Metodologia
Detecção de seqüência, ou como é comumente conhecido um PCR em Tempo Real, extremamente versátil que realiza a análise de diferentes aplicações no estudo da biologia molecular.

  O método determina  a quantidade inicial de um produto (DNA/RNA) através do comportamento da cinética de amplificação das diferentes fases ao longo dos ciclos de uma PCR, ou seja, detecta e quantifica, em tempo real, ácidos nucléicos enquanto são amplificados, sem a necessidade de realizar purificação e análises adicionais.

 A cinética de amplificação é divida em 3 fases :
 Fase geométrica : caracteriza-se por apresentar alta precisão na duplicação do número de moléculas da reação.
 Fase linear : a taxa de produção de novas cadeias de DNA via PCR passa gradualmente de uma progressão geométrica para progressão linear.
 Fase de platô : a eficiência de amplificação cai drasticamente para níveis insignificantes, com baixa ou nenhuma produção de novas cadeias de DNA.

 Para se detectar o aumento de produto de uma PCR ao longo de cada ciclo, é preciso marcar o DNA amplificado com algum tipo de molécula fluorescente (Exemplo : SYBR TM Green e TaqMan TM).

Aplicações
Quantificação de Carga Viral
  Hepatite C, Hepatite B, Herpes, HIV, entre outros.
Expressão Gênica
  Marcadores moleculares para diversos tipos de câncer
Detecção de Transgênicos
  Soja, milho, arroz etc.
Análise de Resíduos de OGMs em Alimentos no INCQS
 Saúde Humana, Animal; Processamento de Alimentos, Gerenciamento Ambiental e Tecnologia Agrícola.
Detecção de Patógenos (“end point”)
  HIV, Hepatite B, Hepatite C, Citomegalovírus, Toxoplasma gondii, entre outros.
Descriminação alélica (SNPs) (“end point”)

Vantagens do  Real Time sobre as tradicionais técnicas de PCR
 Atualmente, o uso da PCR por tempo real (Real Time) incorpora a detecção de sinais enquanto ocorre a amplificação. Para isso, utilizam-se oligonucleotídeos e sondas específicas que emitem fluorescência a cada hibridização e a cada passo de amplificação. Por detectar regiões específicas, essa técnica permite uma rápida e precisa quantificação de organismos infecciosos ou seqüências transgênicas. Este novo conceito eliminou todas as fases de análise pós-PCR2. O software associado ao método garante precisão a partir de limiares muito baixos de detecção.

 O PCR em tempo-real ou real-time PCR.  Utiliza detecção com química fluorescente (oligonucleotídeos e sondas específicas marcadas).

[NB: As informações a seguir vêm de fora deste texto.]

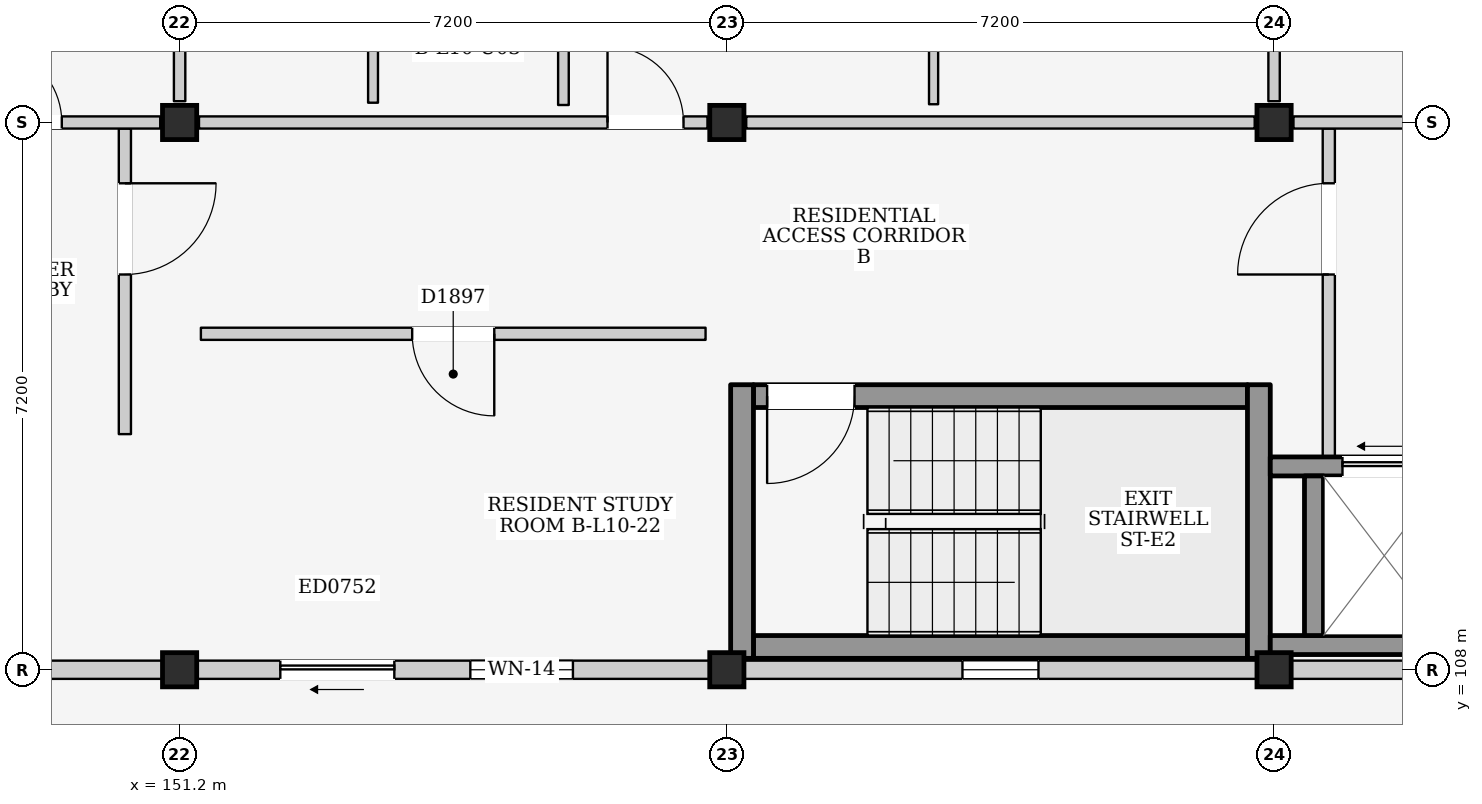
"""IFC4 building model, lengths in metres.
Left out: names, types, materials, properties, quantities, classifications, styles, units other than length and angle.
Written with IfcOpenShell. Run it as: python <this file> out.ifc"""

import sys

from ifc_helpers import new_model, si_unit, direction, frame, frame_2d, origin, origin_2d, place, context, subcontext, project, spatial, rectangle, extrude, element, fill, save


model = new_model("IFC4")
c1 = context("Model", 3, precision=1e-05, world=origin(), true_north=direction((0.0, 1.0)))
c2 = subcontext(c1, "Body", "Model", "MODEL_VIEW")
j1 = project(units=[si_unit("LENGTHUNIT", "METRE"), si_unit("PLANEANGLEUNIT", "RADIAN")], contexts=[c1])
p1 = place(None, origin())
s1 = spatial("IfcSite", under=j1, at=p1, CompositionType="ELEMENT")
p2 = place(p1, origin())
s2 = spatial("IfcBuilding", under=s1, at=p2, CompositionType="ELEMENT")
p3 = place(p2, frame((0.0, 0.0, 34.8)))
s3 = spatial("IfcBuildingStorey", under=s2, at=p3, CompositionType="ELEMENT", Elevation=34.8)
for number, where, z_axis, x_axis in (
    (1, (151.2, 108.0, 0.0), (0.0, 0.0, 1.0), (1.0, 0.0, 0.0)),
    (2, (151.2, 115.2, 0.0), (0.0, 0.0, 1.0), (1.0, 0.0, 0.0)),
    (3, (158.4, 108.0, 0.0), (0.0, 0.0, 1.0), (1.0, 0.0, 0.0)),
    (4, (158.4, 115.2, 0.0), (0.0, 0.0, 1.0), (1.0, 0.0, 0.0)),
    (5, (165.6, 108.0, 0.0), (0.0, 0.0, 1.0), (1.0, 0.0, 0.0)),
    (6, (165.6, 115.2, 0.0), (0.0, 0.0, 1.0), (1.0, 0.0, 0.0)),
):
    element("IfcColumn", number, at=place(p3, frame(where, z_axis=z_axis, x_axis=x_axis)), inside=s3, PredefinedType="COLUMN", context=c2, shape_type="SweptSolid", body=[
        extrude(rectangle(XDim=0.45, YDim=0.45, at=origin_2d()), origin(), (0.0, 0.0, 1.0), 3.2),
    ])
p4 = place(p3, frame((144.225, 108.0, 0.0), z_axis=(0.0, 0.0, 1.0), x_axis=(1.0, 0.0, 0.0)))
e7 = element("IfcWall", 7, at=p4, inside=s3, PredefinedType="ELEMENTEDWALL", context=c2, shape_type="SweptSolid", body=[
    extrude(rectangle(XDim=6.75, YDim=0.24, at=frame_2d((3.375, 0.0))), origin(), (0.0, 0.0, 1.0), 2.345),
])
p5 = place(p4, frame((2.875, 0.0, 1.2)))
e8 = element("IfcOpeningElement", 8, at=p5, cuts=e7, PredefinedType="OPENING", context=c2, shape_type="SweptSolid", body=[
    extrude(rectangle(XDim=1.0, YDim=0.9, at=frame_2d((0.5, 0.45))), frame((0.0, 0.135, 0.0), z_axis=(0.0, -1.0, 0.0), x_axis=(1.0, 0.0, 0.0)), (0.0, 0.0, 1.0), 0.27),
])
p6 = place(p3, frame((151.425, 108.0, 0.0), z_axis=(0.0, 0.0, 1.0), x_axis=(1.0, 0.0, 0.0)))
e9 = element("IfcWall", 9, at=p6, inside=s3, PredefinedType="ELEMENTEDWALL", context=c2, shape_type="SweptSolid", body=[
    extrude(rectangle(XDim=6.75, YDim=0.24, at=frame_2d((3.375, 0.0))), origin(), (0.0, 0.0, 1.0), 2.345),
])
p7 = place(p6, frame((1.1, 0.0, 0.0)))
e10 = element("IfcOpeningElement", 10, at=p7, cuts=e9, PredefinedType="OPENING", context=c2, shape_type="SweptSolid", body=[
    extrude(rectangle(XDim=1.5, YDim=2.12, at=frame_2d((0.75, 1.06))), frame((0.0, 0.135, 0.0), z_axis=(0.0, -1.0, 0.0), x_axis=(1.0, 0.0, 0.0)), (0.0, 0.0, 1.0), 0.27),
])
p8 = place(p6, frame((3.6, 0.0, 0.735)))
e11 = element("IfcOpeningElement", 11, at=p8, cuts=e9, PredefinedType="OPENING", context=c2, shape_type="SweptSolid", body=[
    extrude(rectangle(XDim=1.35, YDim=1.5, at=frame_2d((0.675, 0.75))), frame((0.0, 0.135, 0.0), z_axis=(0.0, -1.0, 0.0), x_axis=(1.0, 0.0, 0.0)), (0.0, 0.0, 1.0), 0.27),
])
p9 = place(p3, frame((158.625, 108.0, 0.0), z_axis=(0.0, 0.0, 1.0), x_axis=(1.0, 0.0, 0.0)))
e12 = element("IfcWall", 12, at=p9, inside=s3, PredefinedType="ELEMENTEDWALL", context=c2, shape_type="SweptSolid", body=[
    extrude(rectangle(XDim=6.75, YDim=0.24, at=frame_2d((3.375, 0.0))), origin(), (0.0, 0.0, 1.0), 2.345),
])
p10 = place(p9, frame((2.875, 0.0, 1.2)))
e13 = element("IfcOpeningElement", 13, at=p10, cuts=e12, PredefinedType="OPENING", context=c2, shape_type="SweptSolid", body=[
    extrude(rectangle(XDim=1.0, YDim=0.9, at=frame_2d((0.5, 0.45))), frame((0.0, 0.135, 0.0), z_axis=(0.0, -1.0, 0.0), x_axis=(1.0, 0.0, 0.0)), (0.0, 0.0, 1.0), 0.27),
])
p11 = place(p3, frame((165.825, 108.0, 0.0), z_axis=(0.0, 0.0, 1.0), x_axis=(1.0, 0.0, 0.0)))
e14 = element("IfcWall", 14, at=p11, inside=s3, PredefinedType="ELEMENTEDWALL", context=c2, shape_type="SweptSolid", body=[
    extrude(rectangle(XDim=6.75, YDim=0.24, at=frame_2d((3.375, 0.0))), origin(), (0.0, 0.0, 1.0), 2.345),
])
p12 = place(p11, frame((2.875, 0.0, 1.2)))
e15 = element("IfcOpeningElement", 15, at=p12, cuts=e14, PredefinedType="OPENING", context=c2, shape_type="SweptSolid", body=[
    extrude(rectangle(XDim=1.0, YDim=0.9, at=frame_2d((0.5, 0.45))), frame((0.0, 0.135, 0.0), z_axis=(0.0, -1.0, 0.0), x_axis=(1.0, 0.0, 0.0)), (0.0, 0.0, 1.0), 0.27),
])
p13 = place(p3, frame((150.48, 111.1, 0.0), z_axis=(0.0, 0.0, 1.0), x_axis=(0.0, 1.0, 0.0)))
e16 = element("IfcWall", 16, at=p13, inside=s3, PredefinedType="PARTITIONING", context=c2, shape_type="SweptSolid", body=[
    extrude(rectangle(XDim=4.02, YDim=0.16, at=frame_2d((2.01, 0.0))), origin(), (0.0, 0.0, 1.0), 2.96),
])
p14 = place(p13, frame((2.1, 0.0, 0.0)))
e17 = element("IfcOpeningElement", 17, at=p14, cuts=e16, PredefinedType="OPENING", context=c2, shape_type="SweptSolid", body=[
    extrude(rectangle(XDim=1.2, YDim=2.2, at=frame_2d((0.6, 1.1))), frame((0.0, 0.095, 0.0), z_axis=(0.0, -1.0, 0.0), x_axis=(1.0, 0.0, 0.0)), (0.0, 0.0, 1.0), 0.19),
])
p15 = place(p3, frame((158.75, 108.3, 0.0), z_axis=(0.0, 0.0, 1.0), x_axis=(1.0, 0.0, 0.0)))
e18 = element("IfcWall", 18, at=p15, inside=s3, PredefinedType="SHEAR", context=c2, shape_type="SweptSolid", body=[
    extrude(rectangle(XDim=6.5, YDim=0.3, at=frame_2d((3.25, 0.0))), origin(), (0.0, 0.0, 1.0), 2.96),
])
p16 = place(p3, frame((158.75, 111.6, 0.0), z_axis=(0.0, 0.0, 1.0), x_axis=(1.0, 0.0, 0.0)))
e19 = element("IfcWall", 19, at=p16, inside=s3, PredefinedType="SHEAR", context=c2, shape_type="SweptSolid", body=[
    extrude(rectangle(XDim=6.5, YDim=0.3, at=frame_2d((3.25, 0.0))), origin(), (0.0, 0.0, 1.0), 2.96),
])
p17 = place(p16, frame((0.18, 0.0, 0.0)))
e20 = element("IfcOpeningElement", 20, at=p17, cuts=e19, PredefinedType="OPENING", context=c2, shape_type="SweptSolid", body=[
    extrude(rectangle(XDim=1.15, YDim=2.2, at=frame_2d((0.575, 1.1))), frame((0.0, 0.165, 0.0), z_axis=(0.0, -1.0, 0.0), x_axis=(1.0, 0.0, 0.0)), (0.0, 0.0, 1.0), 0.33),
])
for number, where, z_axis, x_axis in (
    (21, (158.6, 108.15, 0.0), (0.0, 0.0, 1.0), (0.0, 1.0, 0.0)),
    (22, (165.4, 108.15, 0.0), (0.0, 0.0, 1.0), (0.0, 1.0, 0.0)),
):
    element("IfcWall", number, at=place(p3, frame(where, z_axis=z_axis, x_axis=x_axis)), inside=s3, PredefinedType="SHEAR", context=c2, shape_type="SweptSolid", body=[
        extrude(rectangle(XDim=3.6, YDim=0.3, at=frame_2d((1.8, 0.0))), origin(), (0.0, 0.0, 1.0), 2.96),
    ])
p18 = place(p3, frame((166.32, 110.8, 0.0), z_axis=(0.0, 0.0, 1.0), x_axis=(0.0, 1.0, 0.0)))
e23 = element("IfcWall", 23, at=p18, inside=s3, PredefinedType="PARTITIONING", context=c2, shape_type="SweptSolid", body=[
    extrude(rectangle(XDim=4.32, YDim=0.16, at=frame_2d((2.16, 0.0))), origin(), (0.0, 0.0, 1.0), 2.96),
])
p19 = place(p18, frame((2.4, 0.0, 0.0)))
e24 = element("IfcOpeningElement", 24, at=p19, cuts=e23, PredefinedType="OPENING", context=c2, shape_type="SweptSolid", body=[
    extrude(rectangle(XDim=1.2, YDim=2.2, at=frame_2d((0.6, 1.1))), frame((0.0, 0.095, 0.0), z_axis=(0.0, -1.0, 0.0), x_axis=(1.0, 0.0, 0.0)), (0.0, 0.0, 1.0), 0.19),
])
p20 = place(p3, frame((165.55, 108.325, 0.0), z_axis=(0.0, 0.0, 1.0), x_axis=(1.0, 0.0, 0.0)))
e25 = element("IfcWall", 25, at=p20, inside=s3, PredefinedType="SHEAR", context=c2, shape_type="SweptSolid", body=[
    extrude(rectangle(XDim=2.55, YDim=0.25, at=frame_2d((1.275, 0.0))), origin(), (0.0, 0.0, 1.0), 2.96),
])
p21 = place(p3, frame((165.55, 110.675, 0.0), z_axis=(0.0, 0.0, 1.0), x_axis=(1.0, 0.0, 0.0)))
e26 = element("IfcWall", 26, at=p21, inside=s3, PredefinedType="SHEAR", context=c2, shape_type="SweptSolid", body=[
    extrude(rectangle(XDim=2.55, YDim=0.25, at=frame_2d((1.275, 0.0))), origin(), (0.0, 0.0, 1.0), 2.96),
])
p22 = place(p21, frame((0.95, 0.0, 0.0)))
e27 = element("IfcOpeningElement", 27, at=p22, cuts=e26, PredefinedType="OPENING", context=c2, shape_type="SweptSolid", body=[
    extrude(rectangle(XDim=1.1, YDim=2.15, at=frame_2d((0.55, 1.075))), frame((0.0, 0.14, 0.0), z_axis=(0.0, -1.0, 0.0), x_axis=(1.0, 0.0, 0.0)), (0.0, 0.0, 1.0), 0.28),
])
p23 = place(p3, frame((166.125, 108.45, 0.0), z_axis=(0.0, 0.0, 1.0), x_axis=(0.0, 1.0, 0.0)))
e28 = element("IfcWall", 28, at=p23, inside=s3, PredefinedType="SHEAR", context=c2, shape_type="SweptSolid", body=[
    extrude(rectangle(XDim=2.1, YDim=0.25, at=frame_2d((1.05, 0.0))), origin(), (0.0, 0.0, 1.0), 2.96),
])
p24 = place(p3, frame((144.255, 115.2, 0.0), z_axis=(0.0, 0.0, 1.0), x_axis=(1.0, 0.0, 0.0)))
e29 = element("IfcWall", 29, at=p24, inside=s3, PredefinedType="PARTITIONING", context=c2, shape_type="SweptSolid", body=[
    extrude(rectangle(XDim=6.69, YDim=0.16, at=frame_2d((3.345, 0.0))), origin(), (0.0, 0.0, 1.0), 2.345),
])
p25 = place(p24, frame((4.395, 0.0, 0.0)))
e30 = element("IfcOpeningElement", 30, at=p25, cuts=e29, PredefinedType="OPENING", context=c2, shape_type="SweptSolid", body=[
    extrude(rectangle(XDim=1.0, YDim=2.15, at=frame_2d((0.5, 1.075))), frame((0.0, 0.095, 0.0), z_axis=(0.0, -1.0, 0.0), x_axis=(1.0, 0.0, 0.0)), (0.0, 0.0, 1.0), 0.19),
])
p26 = place(p3, frame((151.2, 115.48, 0.0), z_axis=(0.0, 0.0, 1.0), x_axis=(0.0, 1.0, 0.0)))
e31 = element("IfcWall", 31, at=p26, inside=s3, PredefinedType="PARTITIONING", context=c2, shape_type="SweptSolid", body=[
    extrude(rectangle(XDim=6.64, YDim=0.15, at=frame_2d((3.32, 0.0))), origin(), (0.0, 0.0, 1.0), 2.445),
])
p27 = place(p3, frame((151.455, 115.2, 0.0), z_axis=(0.0, 0.0, 1.0), x_axis=(1.0, 0.0, 0.0)))
e32 = element("IfcWall", 32, at=p27, inside=s3, PredefinedType="PARTITIONING", context=c2, shape_type="SweptSolid", body=[
    extrude(rectangle(XDim=6.69, YDim=0.16, at=frame_2d((3.345, 0.0))), origin(), (0.0, 0.0, 1.0), 2.345),
])
p28 = place(p27, frame((5.375, 0.0, 0.0)))
e33 = element("IfcOpeningElement", 33, at=p28, cuts=e32, PredefinedType="OPENING", context=c2, shape_type="SweptSolid", body=[
    extrude(rectangle(XDim=1.0, YDim=2.15, at=frame_2d((0.5, 1.075))), frame((0.0, 0.095, 0.0), z_axis=(0.0, -1.0, 0.0), x_axis=(1.0, 0.0, 0.0)), (0.0, 0.0, 1.0), 0.19),
])
p29 = place(p3, frame((158.655, 115.2, 0.0), z_axis=(0.0, 0.0, 1.0), x_axis=(1.0, 0.0, 0.0)))
e34 = element("IfcWall", 34, at=p29, inside=s3, PredefinedType="PARTITIONING", context=c2, shape_type="SweptSolid", body=[
    extrude(rectangle(XDim=6.69, YDim=0.16, at=frame_2d((3.345, 0.0))), origin(), (0.0, 0.0, 1.0), 2.345),
])
p30 = place(p3, frame((165.6, 115.48, 0.0), z_axis=(0.0, 0.0, 1.0), x_axis=(0.0, 1.0, 0.0)))
e35 = element("IfcWall", 35, at=p30, inside=s3, PredefinedType="PARTITIONING", context=c2, shape_type="SweptSolid", body=[
    extrude(rectangle(XDim=6.64, YDim=0.15, at=frame_2d((3.32, 0.0))), origin(), (0.0, 0.0, 1.0), 2.445),
])
p31 = place(p3, frame((153.745, 115.46, 0.0), z_axis=(0.0, 0.0, 1.0), x_axis=(0.0, 1.0, 0.0)))
e36 = element("IfcWall", 36, at=p31, inside=s3, PredefinedType="PARTITIONING", context=c2, shape_type="SweptSolid", body=[
    extrude(rectangle(XDim=3.04, YDim=0.13, at=frame_2d((1.52, 0.0))), origin(), (0.0, 0.0, 1.0), 2.96),
])
p32 = place(p3, frame((156.25, 115.43, 0.0), z_axis=(0.0, 0.0, 1.0), x_axis=(0.0, 1.0, 0.0)))
e37 = element("IfcWall", 37, at=p32, inside=s3, PredefinedType="PARTITIONING", context=c2, shape_type="SweptSolid", body=[
    extrude(rectangle(XDim=3.06, YDim=0.14, at=frame_2d((1.53, 0.0))), origin(), (0.0, 0.0, 1.0), 2.96),
])
p33 = place(p3, frame((161.12, 115.44, 0.0), z_axis=(0.0, 0.0, 1.0), x_axis=(0.0, 1.0, 0.0)))
e38 = element("IfcWall", 38, at=p33, inside=s3, PredefinedType="PARTITIONING", context=c2, shape_type="SweptSolid", body=[
    extrude(rectangle(XDim=3.04, YDim=0.12, at=frame_2d((1.52, 0.0))), origin(), (0.0, 0.0, 1.0), 2.96),
])
p34 = place(p33, frame((1.04, 0.0, 0.0)))
e39 = element("IfcOpeningElement", 39, at=p34, cuts=e38, PredefinedType="OPENING", context=c2, shape_type="SweptSolid", body=[
    extrude(rectangle(XDim=0.96, YDim=2.15, at=frame_2d((0.48, 1.075))), frame((0.0, 0.075, 0.0), z_axis=(0.0, -1.0, 0.0), x_axis=(1.0, 0.0, 0.0)), (0.0, 0.0, 1.0), 0.15),
])
p35 = place(p3, frame((165.855, 115.2, 0.0), z_axis=(0.0, 0.0, 1.0), x_axis=(1.0, 0.0, 0.0)))
e40 = element("IfcWall", 40, at=p35, inside=s3, PredefinedType="PARTITIONING", context=c2, shape_type="SweptSolid", body=[
    extrude(rectangle(XDim=6.69, YDim=0.16, at=frame_2d((3.345, 0.0))), origin(), (0.0, 0.0, 1.0), 2.345),
])
p36 = place(p35, frame((4.395, 0.0, 0.0)))
e41 = element("IfcOpeningElement", 41, at=p36, cuts=e40, PredefinedType="OPENING", context=c2, shape_type="SweptSolid", body=[
    extrude(rectangle(XDim=1.0, YDim=2.15, at=frame_2d((0.5, 1.075))), frame((0.0, 0.095, 0.0), z_axis=(0.0, -1.0, 0.0), x_axis=(1.0, 0.0, 0.0)), (0.0, 0.0, 1.0), 0.19),
])
p37 = place(p3, frame((151.48, 112.42, 0.0), z_axis=(0.0, 0.0, 1.0), x_axis=(1.0, 0.0, 0.0)))
e42 = element("IfcWall", 42, at=p37, inside=s3, PredefinedType="PARTITIONING", context=c2, shape_type="SweptSolid", body=[
    extrude(rectangle(XDim=6.64, YDim=0.16, at=frame_2d((3.32, 0.0))), origin(), (0.0, 0.0, 1.0), 2.96),
])
p38 = place(p37, frame((2.78, 0.0, 0.0)))
e43 = element("IfcOpeningElement", 43, at=p38, cuts=e42, PredefinedType="OPENING", context=c2, shape_type="SweptSolid", body=[
    extrude(rectangle(XDim=1.08, YDim=2.22, at=frame_2d((0.54, 1.11))), frame((0.0, 0.095, 0.0), z_axis=(0.0, -1.0, 0.0), x_axis=(1.0, 0.0, 0.0)), (0.0, 0.0, 1.0), 0.19),
])
p39 = place(p7, frame((1.5, 0.0, 0.0), z_axis=(0.0, 0.0, 1.0), x_axis=(-1.0, 0.0, 0.0)))
e44 = element("IfcDoor", 44, at=p39, inside=s3, OperationType="SLIDING_TO_LEFT", PredefinedType="DOOR", context=c2, shape_type="SweptSolid", body=[
    extrude(rectangle(XDim=1.5, YDim=2.12, at=frame_2d((0.75, 1.06))), frame((0.0, 0.025, 0.0), z_axis=(0.0, -1.0, 0.0), x_axis=(1.0, 0.0, 0.0)), (0.0, 0.0, 1.0), 0.05),
])
fill(e10, e44)
p40 = place(p8, origin())
e45 = element("IfcWindow", 45, at=p40, inside=s3, PartitioningType="SINGLE_PANEL", PredefinedType="WINDOW", context=c2, shape_type="SweptSolid", body=[
    extrude(rectangle(XDim=1.35, YDim=1.5, at=frame_2d((0.675, 0.75))), frame((0.0, 0.03, 0.0), z_axis=(0.0, -1.0, 0.0), x_axis=(1.0, 0.0, 0.0)), (0.0, 0.0, 1.0), 0.06),
])
fill(e11, e45)
p41 = place(p10, origin())
e46 = element("IfcWindow", 46, at=p41, inside=s3, PartitioningType="SINGLE_PANEL", PredefinedType="WINDOW", context=c2, shape_type="SweptSolid", body=[
    extrude(rectangle(XDim=1.0, YDim=0.9, at=frame_2d((0.5, 0.45))), frame((0.0, 0.03, 0.0), z_axis=(0.0, -1.0, 0.0), x_axis=(1.0, 0.0, 0.0)), (0.0, 0.0, 1.0), 0.06),
])
fill(e13, e46)
p42 = place(p14, frame((1.2, 0.0, 0.0), z_axis=(0.0, 0.0, 1.0), x_axis=(-1.0, 0.0, 0.0)))
e47 = element("IfcDoor", 47, at=p42, inside=s3, OperationType="SINGLE_SWING_LEFT", PredefinedType="DOOR", context=c2, shape_type="SweptSolid", body=[
    extrude(rectangle(XDim=1.2, YDim=2.2, at=frame_2d((0.6, 1.1))), frame((0.0, 0.025, 0.0), z_axis=(0.0, -1.0, 0.0), x_axis=(1.0, 0.0, 0.0)), (0.0, 0.0, 1.0), 0.05),
])
fill(e17, e47)
p43 = place(p17, frame((1.15, 0.0, 0.0), z_axis=(0.0, 0.0, 1.0), x_axis=(-1.0, 0.0, 0.0)))
e48 = element("IfcDoor", 48, at=p43, inside=s3, OperationType="SINGLE_SWING_RIGHT", PredefinedType="DOOR", context=c2, shape_type="SweptSolid", body=[
    extrude(rectangle(XDim=1.15, YDim=2.2, at=frame_2d((0.575, 1.1))), frame((0.0, 0.025, 0.0), z_axis=(0.0, -1.0, 0.0), x_axis=(1.0, 0.0, 0.0)), (0.0, 0.0, 1.0), 0.05),
])
fill(e20, e48)
p44 = place(p19, origin())
e49 = element("IfcDoor", 49, at=p44, inside=s3, OperationType="SINGLE_SWING_LEFT", PredefinedType="DOOR", context=c2, shape_type="SweptSolid", body=[
    extrude(rectangle(XDim=1.2, YDim=2.2, at=frame_2d((0.6, 1.1))), frame((0.0, 0.025, 0.0), z_axis=(0.0, -1.0, 0.0), x_axis=(1.0, 0.0, 0.0)), (0.0, 0.0, 1.0), 0.05),
])
fill(e24, e49)
p45 = place(p22, origin())
e50 = element("IfcDoor", 50, at=p45, inside=s3, OperationType="SLIDING_TO_LEFT", PredefinedType="DOOR", context=c2, shape_type="SweptSolid", body=[
    extrude(rectangle(XDim=1.1, YDim=2.15, at=frame_2d((0.55, 1.075))), frame((0.0, 0.025, 0.0), z_axis=(0.0, -1.0, 0.0), x_axis=(1.0, 0.0, 0.0)), (0.0, 0.0, 1.0), 0.05),
])
fill(e27, e50)
p46 = place(p25, origin())
e51 = element("IfcDoor", 51, at=p46, inside=s3, OperationType="SINGLE_SWING_LEFT", PredefinedType="DOOR", context=c2, shape_type="SweptSolid", body=[
    extrude(rectangle(XDim=1.0, YDim=2.15, at=frame_2d((0.5, 1.075))), frame((0.0, 0.025, 0.0), z_axis=(0.0, -1.0, 0.0), x_axis=(1.0, 0.0, 0.0)), (0.0, 0.0, 1.0), 0.05),
])
fill(e30, e51)
p47 = place(p28, origin())
e52 = element("IfcDoor", 52, at=p47, inside=s3, OperationType="SINGLE_SWING_LEFT", PredefinedType="DOOR", context=c2, shape_type="SweptSolid", body=[
    extrude(rectangle(XDim=1.0, YDim=2.15, at=frame_2d((0.5, 1.075))), frame((0.0, 0.025, 0.0), z_axis=(0.0, -1.0, 0.0), x_axis=(1.0, 0.0, 0.0)), (0.0, 0.0, 1.0), 0.05),
])
fill(e33, e52)
p48 = place(p38, frame((1.08, 0.0, 0.0), z_axis=(0.0, 0.0, 1.0), x_axis=(-1.0, 0.0, 0.0)))
e53 = element("IfcDoor", 53, at=p48, inside=s3, OperationType="SINGLE_SWING_LEFT", PredefinedType="DOOR", context=c2, shape_type="SweptSolid", body=[
    extrude(rectangle(XDim=1.08, YDim=2.22, at=frame_2d((0.54, 1.11))), frame((0.0, 0.025, 0.0), z_axis=(0.0, -1.0, 0.0), x_axis=(1.0, 0.0, 0.0)), (0.0, 0.0, 1.0), 0.05),
])
fill(e43, e53)
save(model, sys.argv[1])

O método é mais sensível (aumentando a sensibilidade em até 7 vezes quando comparado com o PCR tradicional), mais rápido, oferece maiores controles de qualidade, permite auditar o processo de amplificação e elimina a contaminação no laboratório. A contaminação é motivo de grande preocupação para laboratórios que empregam métodos como PCR e a pouca chance de contaminação com real-time PCR se dá porque o tubo de reação não precisa ser aberto ao seu final (já que a detecção ocorre on-line, durante os ciclos de amplificação)1.

O plot da amplificação mostra a mudança de log na fluorescência do reporter versus o número de ciclos do PCR. Esse plot do sistema 7300 ilustra 9 logs de dinâmica linear para o teste da TaqMan de um DNA plasmidial contendo a sequência alvo hCCNB1 em uma diluição seriada de dez vezes (o hCCNB1 é humana g2/ciclina específica mitótica b1, chromossome 5, 5q12).


Ensaios multiplex com a TaqMan no sistema 7300 mostrando a amplificação de cDNA (96 amostras) usando sondas marcadas com os repórteres VIC (verde) e FAM (preto) para as sequências alvo 18S e TGF-beta, respectivamente.